Commercial Applications:

The technology can be applied in various industries such as robotics, autonomous vehicles, industrial automation, and smart home devices to optimize control processes and enhance performance.

Questions about the technology: 1. How does the training process for the low-level policy and value function work? 2. What are the specific benefits of using goal-conditioned episodes for training?

Frequently Updated Research:

Stay updated on advancements in reinforcement learning algorithms and control systems to enhance the efficiency and effectiveness of the technology.
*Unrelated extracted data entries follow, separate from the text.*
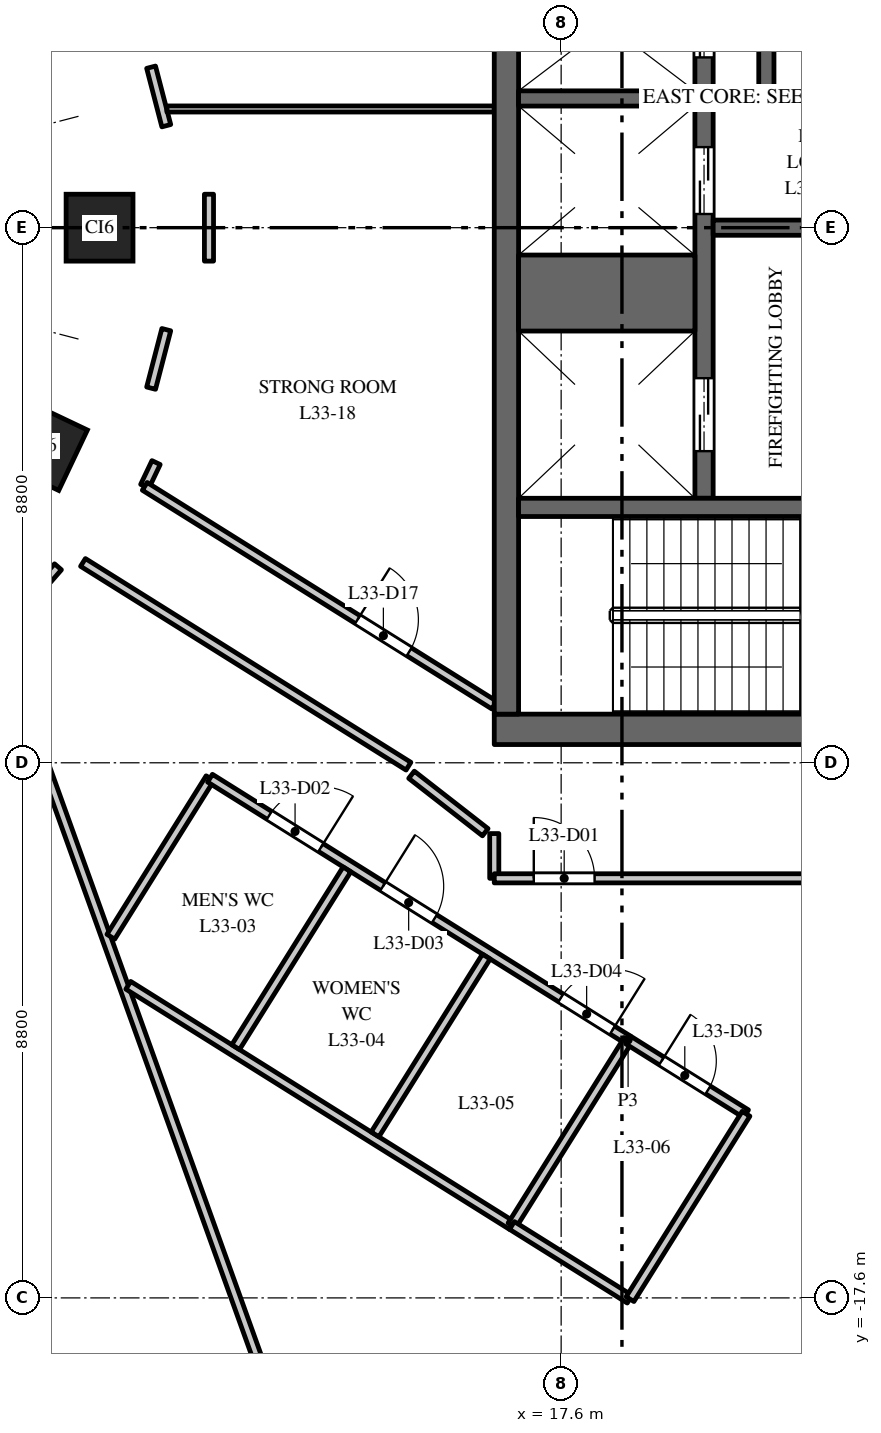
"""IFC4 building model, lengths in metres.
Left out: names, types, materials, properties, quantities, classifications, styles, units other than length and angle.
Written with IfcOpenShell. Run it as: python <this file> out.ifc"""

import sys

from ifc_helpers import new_model, si_unit, direction, frame, frame_2d, origin, origin_2d, place, context, subcontext, project, spatial, rectangle, extrude, element, fill, save


model = new_model("IFC4")
c1 = context("Model", 3, precision=1e-05, world=origin(), true_north=direction((0.0, 1.0)))
c2 = subcontext(c1, "Body", "Model", "MODEL_VIEW")
j1 = project(units=[si_unit("LENGTHUNIT", "METRE"), si_unit("PLANEANGLEUNIT", "RADIAN")], contexts=[c1])
p1 = place(None, origin())
s1 = spatial("IfcSite", under=j1, at=p1, CompositionType="ELEMENT")
p2 = place(p1, origin())
s2 = spatial("IfcBuilding", under=s1, at=p2, CompositionType="ELEMENT")
p3 = place(p2, frame((0.0, 0.0, 146.0)))
s3 = spatial("IfcBuildingStorey", under=s2, at=p3, CompositionType="ELEMENT", Elevation=146.0)
for number, where, z_axis, x_axis in (
    (1, (10.008, 0.0, 0.0), (0.0, 0.0, 1.0), (0.0, 1.0, 0.0)),
    (2, (9.076, 3.588, 0.0), (0.0, 0.0, 1.0), (-0.429, 0.903, 0.0)),
    (3, (9.076, -3.588, 0.0), (0.0, 0.0, 1.0), (0.429, 0.903, 0.0)),
):
    element("IfcColumn", number, at=place(p3, frame(where, z_axis=z_axis, x_axis=x_axis)), inside=s3, PredefinedType="COLUMN", context=c2, shape_type="SweptSolid", body=[
        extrude(rectangle(XDim=1.1, YDim=1.1, at=origin_2d()), origin(), (0.0, 0.0, 1.0), 4.0),
    ])
p4 = place(p3, frame((16.5, -8.25, 0.0), z_axis=(0.0, 0.0, 1.0), x_axis=(1.0, 0.0, 0.0)))
e4 = element("IfcWall", 4, at=p4, inside=s3, PredefinedType="SHEAR", context=c2, shape_type="SweptSolid", body=[
    extrude(rectangle(XDim=15.0, YDim=0.5, at=frame_2d((7.5, 0.0))), origin(), (0.0, 0.0, 1.0), 3.7),
])
p5 = place(p4, frame((6.9, 0.0, 0.0)))
e5 = element("IfcOpeningElement", 5, at=p5, cuts=e4, PredefinedType="OPENING", context=c2, shape_type="SweptSolid", body=[
    extrude(rectangle(XDim=1.2, YDim=2.1, at=frame_2d((0.6, 1.05))), frame((0.0, 0.26, 0.0), z_axis=(0.0, -1.0, 0.0), x_axis=(1.0, 0.0, 0.0)), (0.0, 0.0, 1.0), 0.52),
])
p6 = place(p4, frame((12.425, 0.0, 0.0)))
e6 = element("IfcOpeningElement", 6, at=p6, cuts=e4, PredefinedType="OPENING", context=c2, shape_type="SweptSolid", body=[
    extrude(rectangle(XDim=0.9, YDim=2.1, at=frame_2d((0.45, 1.05))), frame((0.0, 0.26, 0.0), z_axis=(0.0, -1.0, 0.0), x_axis=(1.0, 0.0, 0.0)), (0.0, 0.0, 1.0), 0.52),
])
p7 = place(p3, frame((19.95, -4.45, 0.0), z_axis=(0.0, 0.0, 1.0), x_axis=(0.0, 1.0, 0.0)))
e7 = element("IfcWall", 7, at=p7, inside=s3, PredefinedType="SHEAR", context=c2, shape_type="SweptSolid", body=[
    extrude(rectangle(XDim=8.9, YDim=0.3, at=frame_2d((4.45, 0.0))), origin(), (0.0, 0.0, 1.0), 3.7),
])
p8 = place(p7, frame((0.775, 0.0, 0.0)))
e8 = element("IfcOpeningElement", 8, at=p8, cuts=e7, PredefinedType="OPENING", context=c2, shape_type="SweptSolid", body=[
    extrude(rectangle(XDim=1.2, YDim=2.1, at=frame_2d((0.6, 1.05))), frame((0.0, 0.16, 0.0), z_axis=(0.0, -1.0, 0.0), x_axis=(1.0, 0.0, 0.0)), (0.0, 0.0, 1.0), 0.32),
])
p9 = place(p7, frame((4.675, 0.0, 0.0)))
e9 = element("IfcOpeningElement", 9, at=p9, cuts=e7, PredefinedType="OPENING", context=c2, shape_type="SweptSolid", body=[
    extrude(rectangle(XDim=1.1, YDim=2.1, at=frame_2d((0.55, 1.05))), frame((0.0, 0.16, 0.0), z_axis=(0.0, -1.0, 0.0), x_axis=(1.0, 0.0, 0.0)), (0.0, 0.0, 1.0), 0.32),
])
p10 = place(p7, frame((7.25, 0.0, 0.0)))
e10 = element("IfcOpeningElement", 10, at=p10, cuts=e7, PredefinedType="OPENING", context=c2, shape_type="SweptSolid", body=[
    extrude(rectangle(XDim=1.1, YDim=2.1, at=frame_2d((0.55, 1.05))), frame((0.0, 0.16, 0.0), z_axis=(0.0, -1.0, 0.0), x_axis=(1.0, 0.0, 0.0)), (0.0, 0.0, 1.0), 0.32),
])
p11 = place(p3, frame((20.1, 0.0, 0.0), z_axis=(0.0, 0.0, 1.0), x_axis=(1.0, 0.0, 0.0)))
e11 = element("IfcWall", 11, at=p11, inside=s3, PredefinedType="SHEAR", context=c2, shape_type="SweptSolid", body=[
    extrude(rectangle(XDim=3.28, YDim=0.25, at=frame_2d((1.64, 0.0))), origin(), (0.0, 0.0, 1.0), 3.7),
])
p12 = place(p3, frame((16.7, -8.0, 0.0), z_axis=(0.0, 0.0, 1.0), x_axis=(0.0, 1.0, 0.0)))
e12 = element("IfcWall", 12, at=p12, inside=s3, PredefinedType="SHEAR", context=c2, shape_type="SweptSolid", body=[
    extrude(rectangle(XDim=16.0, YDim=0.4, at=frame_2d((8.0, 0.0))), origin(), (0.0, 0.0, 1.0), 3.7),
])
p13 = place(p3, frame((16.9, -1.075, 0.0), z_axis=(0.0, 0.0, 1.0), x_axis=(1.0, 0.0, 0.0)))
e13 = element("IfcWall", 13, at=p13, inside=s3, PredefinedType="SHEAR", context=c2, shape_type="SweptSolid", body=[
    extrude(rectangle(XDim=2.9, YDim=1.25, at=frame_2d((1.45, 0.0))), origin(), (0.0, 0.0, 1.0), 3.7),
])
p14 = place(p3, frame((16.9, 2.125, 0.0), z_axis=(0.0, 0.0, 1.0), x_axis=(1.0, 0.0, 0.0)))
e14 = element("IfcWall", 14, at=p14, inside=s3, PredefinedType="SHEAR", context=c2, shape_type="SweptSolid", body=[
    extrude(rectangle(XDim=2.9, YDim=0.25, at=frame_2d((1.45, 0.0))), origin(), (0.0, 0.0, 1.0), 3.7),
])
p15 = place(p3, frame((16.9, -4.6, 0.0), z_axis=(0.0, 0.0, 1.0), x_axis=(1.0, 0.0, 0.0)))
e15 = element("IfcWall", 15, at=p15, inside=s3, PredefinedType="SHEAR", context=c2, shape_type="SweptSolid", body=[
    extrude(rectangle(XDim=6.18, YDim=0.3, at=frame_2d((3.09, 0.0))), origin(), (0.0, 0.0, 1.0), 3.7),
])
p16 = place(p15, frame((4.9, 0.0, 0.0)))
e16 = element("IfcOpeningElement", 16, at=p16, cuts=e15, PredefinedType="OPENING", context=c2, shape_type="SweptSolid", body=[
    extrude(rectangle(XDim=1.1, YDim=2.1, at=frame_2d((0.55, 1.05))), frame((0.0, 0.16, 0.0), z_axis=(0.0, -1.0, 0.0), x_axis=(1.0, 0.0, 0.0)), (0.0, 0.0, 1.0), 0.32),
])
p17 = place(p3, frame((20.85, 2.125, 0.0), z_axis=(0.0, 0.0, 1.0), x_axis=(1.0, 0.0, 0.0)))
e17 = element("IfcWall", 17, at=p17, inside=s3, PredefinedType="SHEAR", context=c2, shape_type="SweptSolid", body=[
    extrude(rectangle(XDim=2.53, YDim=0.25, at=frame_2d((1.265, 0.0))), origin(), (0.0, 0.0, 1.0), 3.7),
])
p18 = place(p3, frame((20.975, 2.25, 0.0), z_axis=(0.0, 0.0, 1.0), x_axis=(0.0, 1.0, 0.0)))
e18 = element("IfcWall", 18, at=p18, inside=s3, PredefinedType="SHEAR", context=c2, shape_type="SweptSolid", body=[
    extrude(rectangle(XDim=2.2, YDim=0.25, at=frame_2d((1.1, 0.0))), origin(), (0.0, 0.0, 1.0), 3.7),
])
p19 = place(p3, frame((8.478, -7.111, 0.0), z_axis=(0.0, 0.0, 1.0), x_axis=(0.338361922043, -0.941016051782, 0.0)))
e19 = element("IfcWall", 19, at=p19, inside=s3, PredefinedType="PARTITIONING", context=c2, shape_type="SweptSolid", body=[
    extrude(rectangle(XDim=19.417, YDim=0.15, at=frame_2d((9.708, 0.0))), origin(), (0.0, 0.0, 1.0), 2.85),
])
p20 = place(p3, frame((8.709, -6.285, 0.0), z_axis=(0.0, 0.0, 1.0), x_axis=(0.656365478363, 0.754443078578, 0.0)))
e20 = element("IfcWall", 20, at=p20, inside=s3, PredefinedType="PARTITIONING", context=c2, shape_type="SweptSolid", body=[
    extrude(rectangle(XDim=0.938, YDim=0.15, at=frame_2d((0.469, 0.0))), origin(), (0.0, 0.0, 1.0), 3.7),
])
p21 = place(p3, frame((9.736, -5.505, 0.0), z_axis=(0.0, 0.0, 1.0), x_axis=(0.847611500167, -0.53061732424, 0.0)))
e21 = element("IfcWall", 21, at=p21, inside=s3, PredefinedType="PARTITIONING", context=c2, shape_type="SweptSolid", body=[
    extrude(rectangle(XDim=6.315, YDim=0.15, at=frame_2d((3.158, 0.0))), origin(), (0.0, 0.0, 1.0), 3.7),
])
p22 = place(p3, frame((10.194, -11.661, 0.0), z_axis=(0.0, 0.0, 1.0), x_axis=(0.530355722606, 0.847775210477, 0.0)))
e22 = element("IfcWall", 22, at=p22, inside=s3, PredefinedType="PARTITIONING", context=c2, shape_type="SweptSolid", body=[
    extrude(rectangle(XDim=3.075, YDim=0.15, at=frame_2d((1.538, 0.0))), origin(), (0.0, 0.0, 1.0), 3.7),
])
p23 = place(p3, frame((10.481, -12.459, 0.0), z_axis=(0.0, 0.0, 1.0), x_axis=(0.847566924978, -0.530688522283, 0.0)))
e23 = element("IfcWall", 23, at=p23, inside=s3, PredefinedType="PARTITIONING", context=c2, shape_type="SweptSolid", body=[
    extrude(rectangle(XDim=7.445, YDim=0.15, at=frame_2d((3.722, 0.0))), origin(), (0.0, 0.0, 1.0), 3.7),
])
p24 = place(p3, frame((10.752, -4.254, 0.0), z_axis=(0.0, 0.0, 1.0), x_axis=(0.429758433873, 0.90294390109, 0.0)))
e24 = element("IfcWall", 24, at=p24, inside=s3, PredefinedType="PARTITIONING", context=c2, shape_type="SweptSolid", body=[
    extrude(rectangle(XDim=0.433, YDim=0.15, at=frame_2d((0.216, 0.0))), origin(), (0.0, 0.0, 1.0), 3.7),
])
p25 = place(p3, frame((10.752, -4.254, 0.0), z_axis=(0.0, 0.0, 1.0), x_axis=(0.847690706888, -0.530490777917, 0.0)))
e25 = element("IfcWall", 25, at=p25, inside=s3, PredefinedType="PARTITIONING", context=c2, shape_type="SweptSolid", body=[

Original Abstract Submitted

A method and system for controlling a device includes training a low-level policy to form a trained low-level policy and a low-level value function to form a trained goal conditioned value function, wherein training is performed using a static data set using goal conditioned episodes, training a high-level goal planner having high level goals having high-level sub-goals corresponding to a plurality of future time steps using the low-level value function to maximize a cumulative reward over the sub-goals for the plurality of future time steps so that the sub-goals are reachable by the low-level policy, obtaining an observation of a device, and generating an executable action using the low-level policy and the high-level goal planner and operating the device with the executable action.